No other details are imparted by the DigiTimes article, but previous rumors hold that the RTX 4090 could have 18,432 CUDA cores, and be armed with 24GB of GDDR6X VRAM and a 384-bit memory interface. It’s expected to be clocked at around 2.3GHz to 2.5GHz, and to be an extremely powerful GPU – possibly in the order of 2.5x faster than the current RTX 3090.
Analysis: Seriously powerful and proportionately pricey no doubt
All the above, including the latest info from the supply chain revealed here, should be taken with a massive amount of salt, naturally. This new leak adds considerable weight to the 5nm TSMC assertion, of course – although we were already fairly sure about that prospect – and we can take it from all the previous spillage around the RTX 4090 flagship that it’s likely to be seriously powerful. Which means, of course, that the rest of the range will follow broadly in line with that.

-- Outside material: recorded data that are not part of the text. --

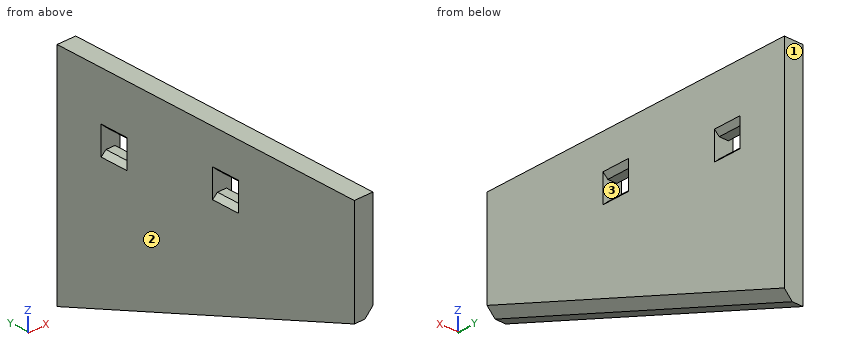
from build123d import *

# Parameters (mm, degrees)
BOSS_EXTRUDE1_DEPTH = 17.5
CUT_EXTRUDE1_START  = 185
CUT_EXTRUDE1_DEPTH  = 26
CHAMFER2_SIZE       = 15
CUT_EXTRUDE2_START  = -40
CUT_EXTRUDE2_DEPTH  = 26


with BuildPart() as part:
    # Sketch1 → Boss-Extrude1 (new, symmetric)
    with BuildSketch(Plane(origin=(0, 0, 0), x_dir=(0, 0, -1), z_dir=(1, 0, 0))):
        Polygon((0, 0), (0, 300), (413, 300), (194.61785944, -300), (0, -300), align=None)
    extrude(amount=BOSS_EXTRUDE1_DEPTH, both=True)

    # Sketch2 → Cut-Extrude1 (cut, symmetric)
    with BuildSketch(Plane(origin=(0, 0, 0), x_dir=(1, 0, 0), z_dir=(0, 1, 0)).offset(CUT_EXTRUDE1_START)):
        Polygon((-17.5, 89), (-8.5, 97.5), (8.5, 97.5), (17.5, 89), (17.5, 141), (8.5, 132.5), (-8.5, 132.5), (-17.5, 141), align=None)
    extrude(amount=CUT_EXTRUDE1_DEPTH, both=True, mode=Mode.SUBTRACT)

    # Chamfer2
    chamfer2_edges = [part.edges().sort_by_distance(p)[0] for p in [
        (17.5, 0, -303.80892972),
    ]]
    chamfer(chamfer2_edges, length=CHAMFER2_SIZE)

    # Sketch3 → Cut-Extrude2 (cut, symmetric)
    with BuildSketch(Plane(origin=(0, 0, 0), x_dir=(1, 0, 0), z_dir=(0, 1, 0)).offset(CUT_EXTRUDE2_START)):
        Polygon((-17.5, 64), (-8.5, 72.5), (8.5, 72.5), (17.5, 64), (17.5, 116), (8.5, 107.5), (-8.5, 107.5), (-17.5, 116), align=None)
    extrude(amount=CUT_EXTRUDE2_DEPTH, both=True, mode=Mode.SUBTRACT)


solid = part.part
Here's how the part is built. I have some questions about the finished solid (model axes, mm). Face numbers are marked on the shaded views. Give positions to 0.01 mm unless a question says otherwise; leave off trailing zeros. Loops run counter-clockwise (first coordinate to the right, second up) from the corner with the lowest first, then second, coordinate; pieces in that order, holes last. Notation, with made-up numbers: (60, 87.5) -> (65, 87.5) arc R23 cw to (65, 125.5) -> close; hole circle Ø1 at (-37.75, 59). An arc over 180 degrees is marked (long way). Answer as a JSON object with one key per item and string values. Group by question number.
Item 1: Will these pins go through, and if not, where does the flat tip stop? pin 1 (13.5 mm diameter, centred on x = -1, y = -41, fed in from -Z); pin 2 (5 mm diameter, centred on x = -3.5, y = 188, fed in from +Z); pin 3 (2 mm diameter, centred on x = 11, y = 182.5, fed in from -Z); pin 4 (12 mm diameter, centred on x = -7, y = 92, fed in from -Z).
Item 2: I need wall thicknesses on L1, parallel to Y at x = -0.5, z = -90; L2, parallel to Z at x = 2, y = -40.5; L3, parallel to Z at x = -4.5, y = -155. Which ranges of each line are inside material? Lowest first, please.
Item 3: Imagine slicing it at B-B on y = 139. Write out the boundary of the cut face in (x, z), then the cut area to 3 significant figures.
Item 4: Thinking about a two-plate mould opening in Y: for the marked faces 1, 2 and 3, which applies, pulls with the +Y half, pulls with the -Y half, needs draft (parallel to the pull), parting line crosses it, or undercut?
Item 5: Imagine slicing it at C-C on z = -368. Write out the boundary of the cut face in (x, y).
Item 6: Imagine slicing it at A-A on z = -126.5. Write out the boundary of the cut face in (x, y), then the cut area to 3 significant figures.
Answer list:
{
 "1": {"pin 1": "stops at z = -291.34", "pin 2": "stops at z = 0", "pin 3": "stops at z = -362.31", "pin 4": "stops at z = -339.48"},
 "2": {"L1": "y = -300 to -66, -14 to 300", "L2": "z = -289.07 to -107.5, -72.5 to 0", "L3": "z = -247.39 to 0"},
 "3": {"outline": "(-17.5, -354.4) -> (2.5, -354.4) -> (17.5, -338.44) -> (17.5, 0) -> (-17.5, 0) -> close", "area": "12,300 mm2"},
 "4": {"face 1": "pulls with the +Y half", "face 2": "needs draft", "face 3": "undercut"},
 "5": {"outline": "(-17.5, 176.36) -> (2.5, 176.36) -> (17.5, 220.22) -> (17.5, 300) -> (-17.5, 300) -> close"},
 "6": {"outline": "(-17.5, -300) -> (17.5, -300) -> (17.5, 159) -> (-17.5, 159) -> close; (-17.5, 211) -> (17.5, 211) -> (17.5, 300) -> (-17.5, 300) -> close", "area": "19,200 mm2"}
}

The obvious concern for such a powerful next-gen graphics card, though, is the kind of price tag that this CUDA core-loaded monster might command (as if the RTX 3090 wasn’t expensive enough as is). And as we’ve already heard before, it’s not just about the demands it might make on your wallet, but also your PSU (which, if you need to upgrade the power supply, will mean more cash needing to be stumped up).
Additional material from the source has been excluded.